Page rule: match specific file extensions on all subfolders


#1

Is it possible to write a page rule that matches specific (several) extensions in all subfolders

for example if I want to match *.gz, *.zip, *.bz2, *.jar from all subfolders of domain.com/


#2

Nope, page rules only support wildcards, no regex.

You would either have to create a page rule for each subfolder

http://example.com/foo/*

Or for each extension

http://example.com/*.zip

Note that you can buy extra page rules if you need any to support this functionality.


#3

Thank you. Does it mean that example.com/*.zip would match zip files in any subfolder or just in the root of the domain?

Perhaps an option is to match on cookie or header. Is that possible?


#4

The wildcard will trigger with subfolders as well.

There is a business plan-only page rule option called “bypass cache on cookie”, but that only lets you control bypassing the CF cache.

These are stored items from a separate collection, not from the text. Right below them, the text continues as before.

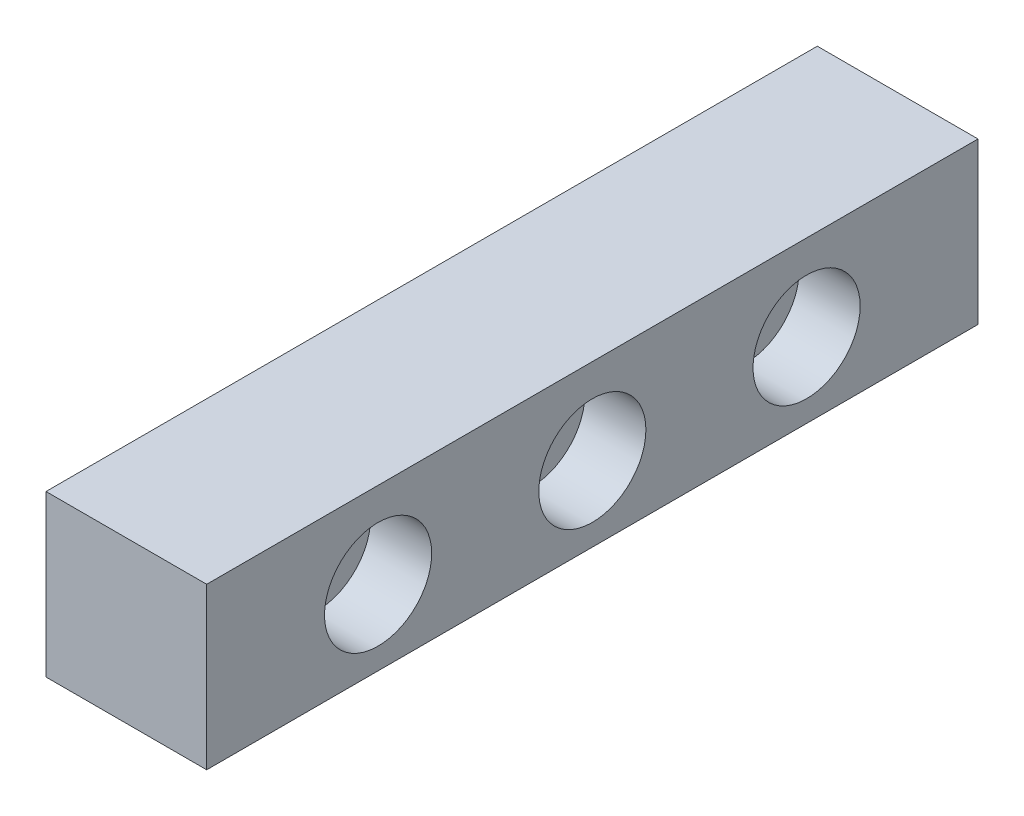
SolidWorks part; units mm, degrees
ref_plane "前视基准面" through (0, 0, 0) normal (0, 0, 1) x (1, 0, 0)
ref_plane "上视基准面" through (0, 0, 0) normal (0, 1, 0) x (1, 0, 0)
ref_plane "右视基准面" through (0, 0, 0) normal (1, 0, 0) x (0, 0, -1)
sketch "草图1" plane through (0, 0, 0) normal (1, 0, 0) x (0, 0, -1)
  line L1 (-36, 7.5) -> (36, 7.5)
  line L2 (-36, 7.5) -> (-36, -7.5)
  line L3 (-36, -7.5) -> (36, -7.5)
  line L4 (36, 7.5) -> (36, -7.5)
  line L5 (-36, 7.5) -> (36, -7.5) construction
  line L6 (-36, -7.5) -> (36, 7.5) construction
  point P0 (0, 0)
  dimension "D1" = 72
  dimension "D2" = 15
extrude "凸台-拉伸1" add sketch "草图1" along normal blind 15
hole_wizard "打孔尺寸(%根据)内六角圆柱头螺钉的类型2" positions "草图2" profile "草图3" counterbore size "M5" standard "GB" end condition through all
sketch "草图2" plane through (15, 0, 0) normal (1, 0, 0) x (0, 0, -1)
  line L0 (0, -7.5) -> (0, 14.364) construction
  line L1 (-36, -7.5) -> (36, -7.5) construction
  line L3 (36, 7.5) -> (-36, 7.5) construction
  point P0 (-20, -0.5)
  point P2 (0, -0.5)
  point P5 (20, -0.5)
  dimension "D1" = 40
  dimension "D2" = 8
sketch "草图3" plane through (15, -0.5, 20) normal (0, 1, 0) x (0, 0, -1)
  line L0 (0, 0) -> (0, 15)
  line L1 (0, 15) -> (2.75, 15)
  line L3 (2.75, 15) -> (2.75, 5.7)
  line L4 (2.75, 5.7) -> (5, 5.7)
  line L5 (5, 5.7) -> (5, 0)
  line L7 (5, 0) -> (0, 0)
  line L11 (0, -6.35) -> (0, 107.95) construction
  dimension "通孔孔直径" = 5.5
  dimension "通孔孔深度" = 15
  dimension "柱形沉头孔直径" = 10
  dimension "柱形沉头孔深度" = 5.7

What you could do is make sure to set the cache-control headers properly on your server if you’re just trying to manipulate the cache:


#5

Well, I do set cache control header, but it feels like cf edge cache didn’t cache anyway. This is for static files like zip, gz, bz2 and so on.


#6

Do those files show a cf-cache-status in the header? If so, then that’s a good start. You can ask the edge cache to hold onto that file, but it’ll get purged from that edge server if it’s rarely used.


#7

I see that some files do. Is there a file size limit ?


#8

The file size limit is 512MB. Amount of time the caching happens depends on how much requests the resource gets and the headers.


#9

I found a solution, I think. I made a page rule for domain.com/* with cache level: everything. It now works. I assume it follows cache max-age http header?


#10

You can always check what you get from the server to see if the max-age remains intact or not. My personal experience (maybe I did something wrong), is that it did cache everything, while overriding the max-age to a much larger number than the one I’ve set at my origin. I don’t get the idea (and think it’s probably a violation of some RFCs), and this pretty much made this feature useless for me, as my website’s core business is updates every 30 seconds of live news data.


closed #11

This topic was automatically closed after 14 days. New replies are no longer allowed.